On Mon, 18 Jul 2005, Peter Dalgaard wrote:

> Prof Brian Ripley <ripley at stats.ox.ac.uk> writes:
>
>> On Mon, 18 Jul 2005, Peter Dalgaard wrote:
>>
>>> Chuck Cleland <ccleland at optonline.net> writes:
>>>
>>>>> data <- as.data.frame(cbind(X1,X2,X3,X4,X5))
>>>>>
>>>>> So only X1, X3 and X5 are vars without any NAs and there are some vars (X2 and
>>>>> X4 stacked in between that have NAs).

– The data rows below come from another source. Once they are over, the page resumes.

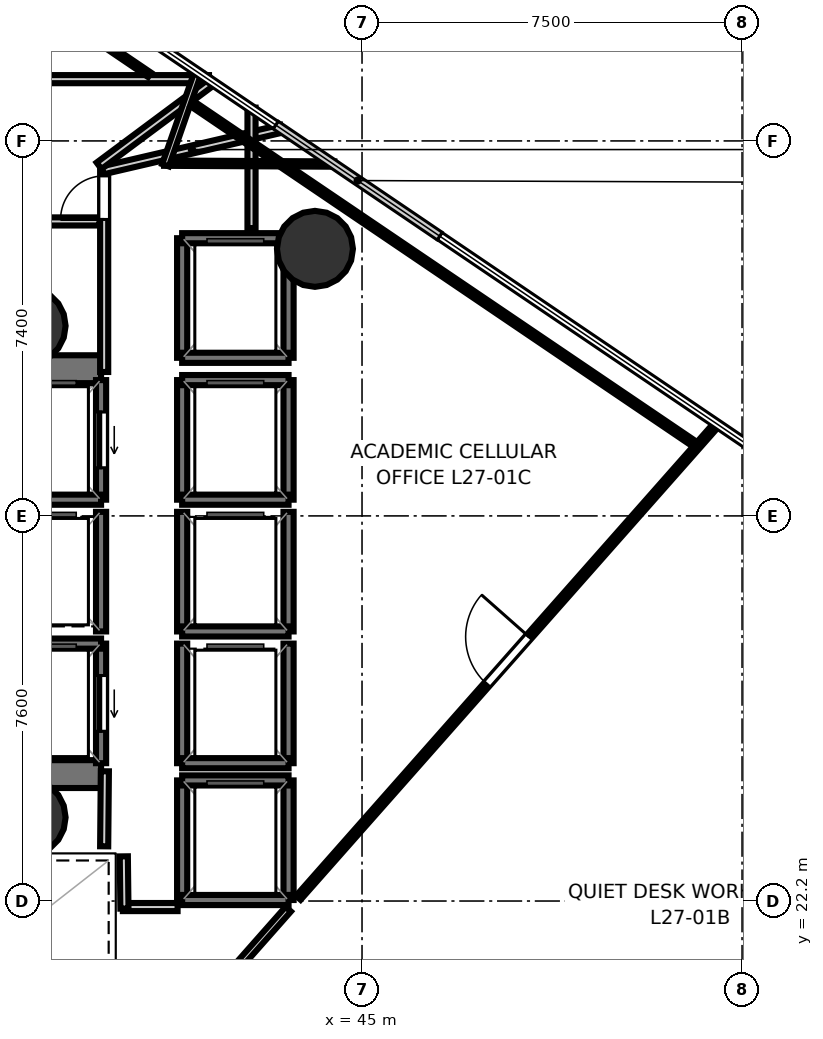
"""IFC4 building model, lengths in metres.
Left out: names, types, materials, properties, quantities, classifications, styles, units other than length and angle.
Written with IfcOpenShell. Run it as: python <this file> out.ifc"""

import sys

from ifc_helpers import new_model, si_unit, direction, frame, frame_2d, origin, origin_2d, place, context, subcontext, project, spatial, rectangle, hollow_circle, extrude, element, fill, save


model = new_model("IFC4")
c1 = context("Model", 3, precision=1e-05, world=origin(), true_north=direction((0.0, 1.0)))
c2 = subcontext(c1, "Body", "Model", "MODEL_VIEW")
j1 = project(units=[si_unit("LENGTHUNIT", "METRE"), si_unit("PLANEANGLEUNIT", "RADIAN")], contexts=[c1])
p1 = place(None, origin())
s1 = spatial("IfcSite", under=j1, at=p1, CompositionType="ELEMENT")
p2 = place(p1, origin())
s2 = spatial("IfcBuilding", under=s1, at=p2, CompositionType="ELEMENT")
p3 = place(p2, frame((0.0, 0.0, 108.9)))
s3 = spatial("IfcBuildingStorey", under=s2, at=p3, CompositionType="ELEMENT", Elevation=108.9)
p4 = place(p3, frame((29.23, 32.695, 0.0), z_axis=(0.0, 0.0, 1.0), x_axis=(1.0, 0.0, 0.0)))
e1 = element("IfcWall", 1, at=p4, inside=s3, PredefinedType="SHEAR", context=c2, shape_type="SweptSolid", body=[
    extrude(rectangle(XDim=10.62, YDim=0.55, at=frame_2d((5.31, 0.0))), origin(), (0.0, 0.0, 1.0), 3.52),
])
p5 = place(p4, frame((0.995, 0.0, 0.0)))
e2 = element("IfcOpeningElement", 2, at=p5, cuts=e1, PredefinedType="OPENING", context=c2, shape_type="SweptSolid", body=[
    extrude(rectangle(XDim=1.25, YDim=2.15, at=frame_2d((0.625, 1.075))), frame((0.0, 0.285, 0.0), z_axis=(0.0, -1.0, 0.0), x_axis=(1.0, 0.0, 0.0)), (0.0, 0.0, 1.0), 0.57),
])
p6 = place(p3, frame((29.23, 24.705, 0.0), z_axis=(0.0, 0.0, 1.0), x_axis=(1.0, 0.0, 0.0)))
e3 = element("IfcWall", 3, at=p6, inside=s3, PredefinedType="SHEAR", context=c2, shape_type="SweptSolid", body=[
    extrude(rectangle(XDim=10.62, YDim=0.55, at=frame_2d((5.31, 0.0))), origin(), (0.0, 0.0, 1.0), 3.52),
])
p7 = place(p6, frame((0.795, 0.0, 0.0)))
e4 = element("IfcOpeningElement", 4, at=p7, cuts=e3, PredefinedType="OPENING", context=c2, shape_type="SweptSolid", body=[
    extrude(rectangle(XDim=1.25, YDim=2.15, at=frame_2d((0.625, 1.075))), frame((0.0, 0.285, 0.0), z_axis=(0.0, -1.0, 0.0), x_axis=(1.0, 0.0, 0.0)), (0.0, 0.0, 1.0), 0.57),
])
for number, where, z_axis, x_axis in (
    (5, (38.4, 33.55, 0.0), (0.0, 0.0, 1.0), (1.0, 0.0, 0.0)),
    (6, (38.4, 23.85, 0.0), (0.0, 0.0, 1.0), (1.0, 0.0, 0.0)),
    (7, (44.071, 35.07, 0.0), (0.0, 0.0, 1.0), (1.0, 0.0, 0.0)),
):
    element("IfcColumn", number, at=place(p3, frame(where, z_axis=z_axis, x_axis=x_axis)), inside=s3, PredefinedType="COLUMN", context=c2, shape_type="SweptSolid", body=[
        extrude(hollow_circle(Radius=0.75, WallThickness=0.036, at=origin_2d()), origin(), (0.0, 0.0, 1.0), 3.7),
    ])
p8 = place(p3, frame((39.85, 30.12, 0.0), z_axis=(0.0, 0.0, 1.0), x_axis=(0.0, 1.0, 0.0)))
e8 = element("IfcWall", 8, at=p8, inside=s3, PredefinedType="SOLIDWALL", context=c2, shape_type="SweptSolid", body=[
    extrude(rectangle(XDim=2.36, YDim=0.2, at=frame_2d((1.18, 0.0))), origin(), (0.0, 0.0, 1.0), 3.52),
])
p9 = place(p8, frame((0.63, 0.0, 0.0)))
e9 = element("IfcOpeningElement", 9, at=p9, cuts=e8, PredefinedType="OPENING", context=c2, shape_type="SweptSolid", body=[
    extrude(rectangle(XDim=1.1, YDim=2.15, at=frame_2d((0.55, 1.075))), frame((0.0, 0.11, 0.0), z_axis=(0.0, -1.0, 0.0), x_axis=(1.0, 0.0, 0.0)), (0.0, 0.0, 1.0), 0.22),
])
p10 = place(p3, frame((37.75, 30.12, 0.0), z_axis=(0.0, 0.0, 1.0), x_axis=(1.0, 0.0, 0.0)))
e10 = element("IfcWall", 10, at=p10, inside=s3, PredefinedType="SOLIDWALL", context=c2, shape_type="SweptSolid", body=[
    extrude(rectangle(XDim=2.1, YDim=0.2, at=frame_2d((1.05, 0.0))), origin(), (0.0, 0.0, 1.0), 3.52),
])
p11 = place(p3, frame((39.85, 24.92, 0.0), z_axis=(0.0, 0.0, 1.0), x_axis=(0.0, 1.0, 0.0)))
e11 = element("IfcWall", 11, at=p11, inside=s3, PredefinedType="SOLIDWALL", context=c2, shape_type="SweptSolid", body=[
    extrude(rectangle(XDim=2.36, YDim=0.2, at=frame_2d((1.18, 0.0))), origin(), (0.0, 0.0, 1.0), 3.52),
])
p12 = place(p11, frame((0.63, 0.0, 0.0)))
e12 = element("IfcOpeningElement", 12, at=p12, cuts=e11, PredefinedType="OPENING", context=c2, shape_type="SweptSolid", body=[
    extrude(rectangle(XDim=1.1, YDim=2.15, at=frame_2d((0.55, 1.075))), frame((0.0, 0.11, 0.0), z_axis=(0.0, -1.0, 0.0), x_axis=(1.0, 0.0, 0.0)), (0.0, 0.0, 1.0), 0.22),
])
p13 = place(p3, frame((37.75, 27.28, 0.0), z_axis=(0.0, 0.0, 1.0), x_axis=(1.0, 0.0, 0.0)))
e13 = element("IfcWall", 13, at=p13, inside=s3, PredefinedType="SOLIDWALL", context=c2, shape_type="SweptSolid", body=[
    extrude(rectangle(XDim=2.1, YDim=0.2, at=frame_2d((1.05, 0.0))), origin(), (0.0, 0.0, 1.0), 3.52),
])
for number, where, z_axis, x_axis in (
    (14, (43.55, 30.12, 0.0), (0.0, 0.0, 1.0), (0.0, 1.0, 0.0)),
    (15, (41.45, 30.12, 0.0), (0.0, 0.0, 1.0), (0.0, 1.0, 0.0)),
):
    element("IfcWall", number, at=place(p3, frame(where, z_axis=z_axis, x_axis=x_axis)), inside=s3, PredefinedType="SOLIDWALL", context=c2, shape_type="SweptSolid", body=[
        extrude(rectangle(XDim=2.36, YDim=0.2, at=frame_2d((1.18, 0.0))), origin(), (0.0, 0.0, 1.0), 3.52),
    ])
for number, where, z_axis, x_axis in (
    (16, (41.45, 32.48, 0.0), (0.0, 0.0, 1.0), (1.0, 0.0, 0.0)),
    (17, (41.45, 30.12, 0.0), (0.0, 0.0, 1.0), (1.0, 0.0, 0.0)),
):
    element("IfcWall", number, at=place(p3, frame(where, z_axis=z_axis, x_axis=x_axis)), inside=s3, PredefinedType="SOLIDWALL", context=c2, shape_type="SweptSolid", body=[
        extrude(rectangle(XDim=2.1, YDim=0.2, at=frame_2d((1.05, 0.0))), origin(), (0.0, 0.0, 1.0), 3.52),
    ])
for number, where, z_axis, x_axis in (
    (18, (43.55, 27.52, 0.0), (0.0, 0.0, 1.0), (0.0, 1.0, 0.0)),
    (19, (41.45, 27.52, 0.0), (0.0, 0.0, 1.0), (0.0, 1.0, 0.0)),
):
    element("IfcWall", number, at=place(p3, frame(where, z_axis=z_axis, x_axis=x_axis)), inside=s3, PredefinedType="SOLIDWALL", context=c2, shape_type="SweptSolid", body=[
        extrude(rectangle(XDim=2.36, YDim=0.2, at=frame_2d((1.18, 0.0))), origin(), (0.0, 0.0, 1.0), 3.52),
    ])
p14 = place(p3, frame((41.45, 27.52, 0.0), z_axis=(0.0, 0.0, 1.0), x_axis=(1.0, 0.0, 0.0)))
e20 = element("IfcWall", 20, at=p14, inside=s3, PredefinedType="SOLIDWALL", context=c2, shape_type="SweptSolid", body=[
    extrude(rectangle(XDim=2.1, YDim=0.2, at=frame_2d((1.05, 0.0))), origin(), (0.0, 0.0, 1.0), 3.52),
])
for number, where, z_axis, x_axis in (
    (21, (43.55, 24.92, 0.0), (0.0, 0.0, 1.0), (0.0, 1.0, 0.0)),
    (22, (41.45, 24.92, 0.0), (0.0, 0.0, 1.0), (0.0, 1.0, 0.0)),
):
    element("IfcWall", number, at=place(p3, frame(where, z_axis=z_axis, x_axis=x_axis)), inside=s3, PredefinedType="SOLIDWALL", context=c2, shape_type="SweptSolid", body=[
        extrude(rectangle(XDim=2.36, YDim=0.2, at=frame_2d((1.18, 0.0))), origin(), (0.0, 0.0, 1.0), 3.52),
    ])
p15 = place(p3, frame((41.45, 24.92, 0.0), z_axis=(0.0, 0.0, 1.0), x_axis=(1.0, 0.0, 0.0)))
e23 = element("IfcWall", 23, at=p15, inside=s3, PredefinedType="SOLIDWALL", context=c2, shape_type="SweptSolid", body=[
    extrude(rectangle(XDim=2.1, YDim=0.2, at=frame_2d((1.05, 0.0))), origin(), (0.0, 0.0, 1.0), 3.52),
])
p16 = place(p3, frame((39.85, 27.52, 0.0), z_axis=(0.0, 0.0, 1.0), x_axis=(0.0, 1.0, 0.0)))
e24 = element("IfcWall", 24, at=p16, inside=s3, PredefinedType="SOLIDWALL", context=c2, shape_type="SweptSolid", body=[
    extrude(rectangle(XDim=2.36, YDim=0.2, at=frame_2d((1.18, 0.0))), origin(), (0.0, 0.0, 1.0), 3.52),
])
for number, where, z_axis, x_axis in (
    (25, (43.55, 22.22, 0.0), (0.0, 0.0, 1.0), (0.0, 1.0, 0.0)),
    (26, (41.45, 22.22, 0.0), (0.0, 0.0, 1.0), (0.0, 1.0, 0.0)),
):
    element("IfcWall", number, at=place(p3, frame(where, z_axis=z_axis, x_axis=x_axis)), inside=s3, PredefinedType="SOLIDWALL", context=c2, shape_type="SweptSolid", body=[
        extrude(rectangle(XDim=2.36, YDim=0.2, at=frame_2d((1.18, 0.0))), origin(), (0.0, 0.0, 1.0), 3.52),
    ])
for number, where, z_axis, x_axis in (
    (27, (41.45, 24.58, 0.0), (0.0, 0.0, 1.0), (1.0, 0.0, 0.0)),
    (28, (41.45, 22.22, 0.0), (0.0, 0.0, 1.0), (1.0, 0.0, 0.0)),
):
    element("IfcWall", number, at=place(p3, frame(where, z_axis=z_axis, x_axis=x_axis)), inside=s3, PredefinedType="SOLIDWALL", context=c2, shape_type="SweptSolid", body=[
        extrude(rectangle(XDim=2.1, YDim=0.2, at=frame_2d((1.05, 0.0))), origin(), (0.0, 0.0, 1.0), 3.52),
    ])
for number, where, z_axis, x_axis in (
    (29, (43.55, 32.92, 0.0), (0.0, 0.0, 1.0), (0.0, 1.0, 0.0)),
    (30, (41.45, 32.92, 0.0), (0.0, 0.0, 1.0), (0.0, 1.0, 0.0)),
):
    element("IfcWall", number, at=place(p3, frame(where, z_axis=z_axis, x_axis=x_axis)), inside=s3, PredefinedType="SOLIDWALL", context=c2, shape_type="SweptSolid", body=[
        extrude(rectangle(XDim=2.36, YDim=0.2, at=frame_2d((1.18, 0.0))), origin(), (0.0, 0.0, 1.0), 3.52),
    ])
for number, where, z_axis, x_axis in (
    (31, (41.45, 35.28, 0.0), (0.0, 0.0, 1.0), (1.0, 0.0, 0.0)),
    (32, (41.45, 32.92, 0.0), (0.0, 0.0, 1.0), (1.0, 0.0, 0.0)),
):
    element("IfcWall", number, at=place(p3, frame(where, z_axis=z_axis, x_axis=x_axis)), inside=s3, PredefinedType="SOLIDWALL", context=c2, shape_type="SweptSolid", body=[
        extrude(rectangle(XDim=2.1, YDim=0.2, at=frame_2d((1.05, 0.0))), origin(), (0.0, 0.0, 1.0), 3.52),
    ])
p17 = place(p3, frame((39.911, 32.64, 0.0), z_axis=(0.0, 0.0, 1.0), x_axis=(0.0, 1.0, 0.0)))
e33 = element("IfcWall", 33, at=p17, inside=s3, PredefinedType="PARTITIONING", context=c2, shape_type="SweptSolid", body=[
    extrude(rectangle(XDim=4.01, YDim=0.16, at=frame_2d((2.005, 0.0))), origin(), (0.0, 0.0, 1.0), 2.84),
])
p18 = place(p17, frame((3.01, 0.0, 0.0)))
e34 = element("IfcOpeningElement", 34, at=p18, cuts=e33, PredefinedType="OPENING", context=c2, shape_type="SweptSolid", body=[
    extrude(rectangle(XDim=0.86, YDim=2.05, at=frame_2d((0.43, 1.025))), frame((0.0, 0.09, 0.0), z_axis=(0.0, -1.0, 0.0), x_axis=(1.0, 0.0, 0.0)), (0.0, 0.0, 1.0), 0.18),
])
p19 = place(p3, frame((39.88, 36.619, 0.0), z_axis=(0.0, 0.0, 1.0), x_axis=(0.973960950435, 0.2267158288, 0.0)))
e35 = element("IfcWall", 35, at=p19, inside=s3, PredefinedType="PARTITIONING", context=c2, shape_type="SweptSolid", body=[
    extrude(rectangle(XDim=3.62, YDim=0.16, at=frame_2d((1.81, 0.0))), origin(), (0.0, 0.0, 1.0), 2.84),
])
p20 = place(p3, frame((42.819, 37.857, 0.0), z_axis=(0.0, 0.0, 1.0), x_axis=(0.0, -1.0, 0.0)))
e36 = element("IfcWall", 36, at=p20, inside=s3, PredefinedType="PARTITIONING", context=c2, shape_type="SweptSolid", body=[
    extrude(rectangle(XDim=2.377, YDim=0.16, at=frame_2d((1.188, 0.0))), origin(), (0.0, 0.0, 1.0), 2.84),
])
p21 = place(p3, frame((41.36, 22.081, 0.0), z_axis=(0.0, 0.0, 1.0), x_axis=(-1.0, 0.0, 0.0)))
e37 = element("IfcWall", 37, at=p21, inside=s3, PredefinedType="PARTITIONING", context=c2, shape_type="SweptSolid", body=[
    extrude(rectangle(XDim=1.08, YDim=0.16, at=frame_2d((0.54, 0.0))), origin(), (0.0, 0.0, 1.0), 2.84),
])
p22 = place(p3, frame((40.311, 22.05, 0.0), z_axis=(0.0, 0.0, 1.0), x_axis=(-0.011836292006, 0.999929948642, 0.0)))
e38 = element("IfcWall", 38, at=p22, inside=s3, PredefinedType="PARTITIONING", context=c2, shape_type="SweptSolid", body=[
    extrude(rectangle(XDim=1.031, YDim=0.16, at=frame_2d((0.516, 0.0))), origin(), (0.0, 0.0, 1.0), 2.84),
])
p23 = place(p3, frame((39.911, 23.28, 0.0), z_axis=(0.0, 0.0, 1.0), x_axis=(0.009397771291, 0.999955839972, 0.0)))
e39 = element("IfcWall", 39, at=p23, inside=s3, PredefinedType="PARTITIONING", context=c2, shape_type="SweptSolid", body=[
    extrude(rectangle(XDim=1.481, YDim=0.16, at=frame_2d((0.74, 0.0))), origin(), (0.0, 0.0, 1.0), 2.84),
])
p24 = place(p3, frame((26.42, 38.419, 0.0), z_axis=(0.0, 0.0, 1.0), x_axis=(1.0, 0.0, 0.0)))
e40 = element("IfcWall", 40, at=p24, inside=s3, PredefinedType="PARTITIONING", context=c2, shape_type="SweptSolid", body=[
    extrude(rectangle(XDim=15.56, YDim=0.16, at=frame_2d((7.78, 0.0))), origin(), (0.0, 0.0, 1.0), 2.84),
])
p25 = place(p24, frame((10.865, 0.0, 0.0)))
e41 = element("IfcOpeningElement", 41, at=p25, cuts=e40, PredefinedType="OPENING", context=c2, shape_type="SweptSolid", body=[
    extrude(rectangle(XDim=1.25, YDim=2.2, at=frame_2d((0.625, 1.1))), frame((0.0, 0.09, 0.0), z_axis=(0.0, -1.0, 0.0), x_axis=(1.0, 0.0, 0.0)), (0.0, 0.0, 1.0), 0.18),
])
p26 = place(p24, frame((5.532, 0.0, 0.0)))
e42 = element("IfcOpeningElement", 42, at=p26, cuts=e40, PredefinedType="OPENING", context=c2, shape_type="SweptSolid", body=[
    extrude(rectangle(XDim=1.25, YDim=2.2, at=frame_2d((0.625, 1.1))), frame((0.0, 0.09, 0.0), z_axis=(0.0, -1.0, 0.0), x_axis=(1.0, 0.0, 0.0)), (0.0, 0.0, 1.0), 0.18),
])
p27 = place(p3, frame((42.053, 38.379, 0.0), z_axis=(0.0, 0.0, 1.0), x_axis=(-0.802246834953, -0.596992475504, 0.0)))
e43 = element("IfcWall", 43, at=p27, inside=s3, PredefinedType="PARTITIONING", context=c2, shape_type="SweptSolid", body=[
    extrude(rectangle(XDim=2.796, YDim=0.16, at=frame_2d((1.398, 0.0))), origin(), (0.0, 0.0, 1.0), 2.84),
])
p28 = place(p3, frame((39.818, 35.611, 0.0), z_axis=(0.0, 0.0, 1.0), x_axis=(-1.0, 0.0, 0.0)))
e44 = element("IfcWall", 44, at=p28, inside=s3, PredefinedType="PARTITIONING", context=c2, shape_type="SweptSolid", body=[
    extrude(rectangle(XDim=2.768, YDim=0.16, at=frame_2d((1.384, 0.0))), origin(), (0.0, 0.0, 1.0), 2.84),
])
p29 = place(p3, frame((40.303, 18.372, 0.0), z_axis=(0.0, 0.0, 1.0), x_axis=(0.662221894186, 0.749307789136, 0.0)))
e45 = element("IfcWall", 45, at=p29, inside=s3, PredefinedType="PARTITIONING", context=c2, shape_type="SweptSolid", body=[
    extrude(rectangle(XDim=4.895, YDim=0.14, at=frame_2d((2.447, 0.0))), origin(), (0.0, 0.0, 1.0), 2.84),
])
p30 = place(p3, frame((43.743, 22.264, 0.0), z_axis=(0.0, 0.0, 1.0), x_axis=(0.662202897959, 0.749324577159, 0.0)))
e46 = element("IfcWall", 46, at=p30, inside=s3, PredefinedType="PARTITIONING", context=c2, shape_type="SweptSolid", body=[
    extrude(rectangle(XDim=12.498, YDim=0.12, at=frame_2d((6.249, 0.0))), origin(), (0.0, 0.0, 1.0), 2.84),
])
p31 = place(p30, frame((5.624, 0.0, 0.0)))
e47 = element("IfcOpeningElement", 47, at=p31, cuts=e46, PredefinedType="OPENING", context=c2, shape_type="SweptSolid", body=[
    extrude(rectangle(XDim=1.25, YDim=2.2, at=frame_2d((0.625, 1.1))), frame((0.0, 0.07, 0.0), z_axis=(0.0, -1.0, 0.0), x_axis=(1.0, 0.0, 0.0)), (0.0, 0.0, 1.0), 0.14),
])
p32 = place(p3, frame((44.454, 36.743, 0.0), z_axis=(0.0, 0.0, 1.0), x_axis=(-0.999986322379, 0.005230205958, 0.0)))
e48 = element("IfcWall", 48, at=p32, inside=s3, PredefinedType="PARTITIONING", context=c2, shape_type="SweptSolid", body=[
    extrude(rectangle(XDim=3.361, YDim=0.105, at=frame_2d((1.68, 0.0))), origin(), (0.0, 0.0, 1.0), 2.84),
])
p33 = place(p3, frame((41.122, 36.72, 0.0), z_axis=(0.0, 0.0, 1.0), x_axis=(0.329225111587, 0.944251463277, 0.0)))
e49 = element("IfcWall", 49, at=p33, inside=s3, PredefinedType="PARTITIONING", context=c2, shape_type="SweptSolid", body=[
    extrude(rectangle(XDim=1.962, YDim=0.14, at=frame_2d((0.981, 0.0))), origin(), (0.0, 0.0, 1.0), 2.84),
])
p34 = place(p3, frame((41.65, 37.933, 0.0), z_axis=(0.0, 0.0, 1.0), x_axis=(0.827941747022, -0.560814107827, 0.0)))
e50 = element("IfcWall", 50, at=p34, inside=s3, PredefinedType="PARTITIONING", context=c2, shape_type="SweptSolid", body=[
    extrude(rectangle(XDim=11.895, YDim=0.12, at=frame_2d((5.948, 0.0))), origin(), (0.0, 0.0, 1.0), 2.84),
])
p35 = place(p3, frame((34.052, 43.08, 0.0), z_axis=(0.0, 0.0, 1.0), x_axis=(0.827934826591, -0.560824324471, 0.0)))
e51 = element("IfcWall", 51, at=p35, inside=s3, PredefinedType="PARTITIONING", context=c2, shape_type="SweptSolid", body=[
    extrude(rectangle(XDim=8.158, YDim=0.105, at=frame_2d((4.079, 0.0))), origin(), (0.0, 0.0, 1.0), 2.84),
])
p36 = place(p9, origin())
e52 = element("IfcDoor", 52, at=p36, inside=s3, OperationType="SLIDING_TO_LEFT", PredefinedType="DOOR", context=c2, shape_type="SweptSolid", body=[
    extrude(rectangle(XDim=1.1, YDim=2.15, at=frame_2d((0.55, 1.075))), frame((0.0, 0.025, 0.0), z_axis=(0.0, -1.0, 0.0), x_axis=(1.0, 0.0, 0.0)), (0.0, 0.0, 1.0), 0.05),
])
fill(e9, e52)
p37 = place(p12, origin())
e53 = element("IfcDoor", 53, at=p37, inside=s3, OperationType="SLIDING_TO_LEFT", PredefinedType="DOOR", context=c2, shape_type="SweptSolid", body=[
    extrude(rectangle(XDim=1.1, YDim=2.15, at=frame_2d((0.55, 1.075))), frame((0.0, 0.025, 0.0), z_axis=(0.0, -1.0, 0.0), x_axis=(1.0, 0.0, 0.0)), (0.0, 0.0, 1.0), 0.05),
])
fill(e12, e53)
p38 = place(p18, origin())
e54 = element("IfcDoor", 54, at=p38, inside=s3, OperationType="SINGLE_SWING_LEFT", PredefinedType="DOOR", context=c2, shape_type="SweptSolid", body=[
    extrude(rectangle(XDim=0.86, YDim=2.05, at=frame_2d((0.43, 1.025))), frame((0.0, 0.025, 0.0), z_axis=(0.0, -1.0, 0.0), x_axis=(1.0, 0.0, 0.0)), (0.0, 0.0, 1.0), 0.05),
])
fill(e34, e54)
p39 = place(p31, origin())
e55 = element("IfcDoor", 55, at=p39, inside=s3, OperationType="SINGLE_SWING_RIGHT", PredefinedType="DOOR", context=c2, shape_type="SweptSolid", body=[
    extrude(rectangle(XDim=1.25, YDim=2.2, at=frame_2d((0.625, 1.1))), frame((0.0, 0.025, 0.0), z_axis=(0.0, -1.0, 0.0), x_axis=(1.0, 0.0, 0.0)), (0.0, 0.0, 1.0), 0.05),
])
fill(e47, e55)
save(model, sys.argv[1])

Now, how can I extract those former vars
>>>>> in a new dataset or remove all those latter vars in between that have NAs
>>>>> (without missing a single row)?
>>>>> ...
>>>>
>>>>    Someone else will probably suggest something more elegant, but how
>>>> about this:
>>>>
>>>> newdata <- data[,-which(apply(data, 2, function(x){all(is.na(x))}))]
>>>
>>> (I think that's supposed to be any(), not all(), and which() is
>>> crossing the creek to fetch water.)
>>>
>>> This should do it:
>>>
>>> data[,apply(!is.na(data),2,all)]
>>
>> If `data' is a data frame, apply will coerce it to a matrix.
>
> So will is.na()...

Not quite.  is.na on a data frame will create a matrix by cbind-ing 
columns.   I was mainly commenting on Chuck Cleland's version, which 
coerces a data frame to a matrix then pulls out each column of the matrix, 
something that is quite wasteful of space.  Forming the logical matrix 
is.na(data) is also I think wasteful.

>> I would do
>> something like
>>
>> keep <- sapply(data, function(x) all(!is.na(x)))
>> data[keep]
>>
>> to use the list-like structure of a data frame and make the fewest
>> possible copies.
>
> I think the amount of copying is the same, but your version doesn't
> need to store the entire is.na(data) at once.
>
> Nitpick: !any(is.na(x)) should be marginally faster than all(!is.na(x)).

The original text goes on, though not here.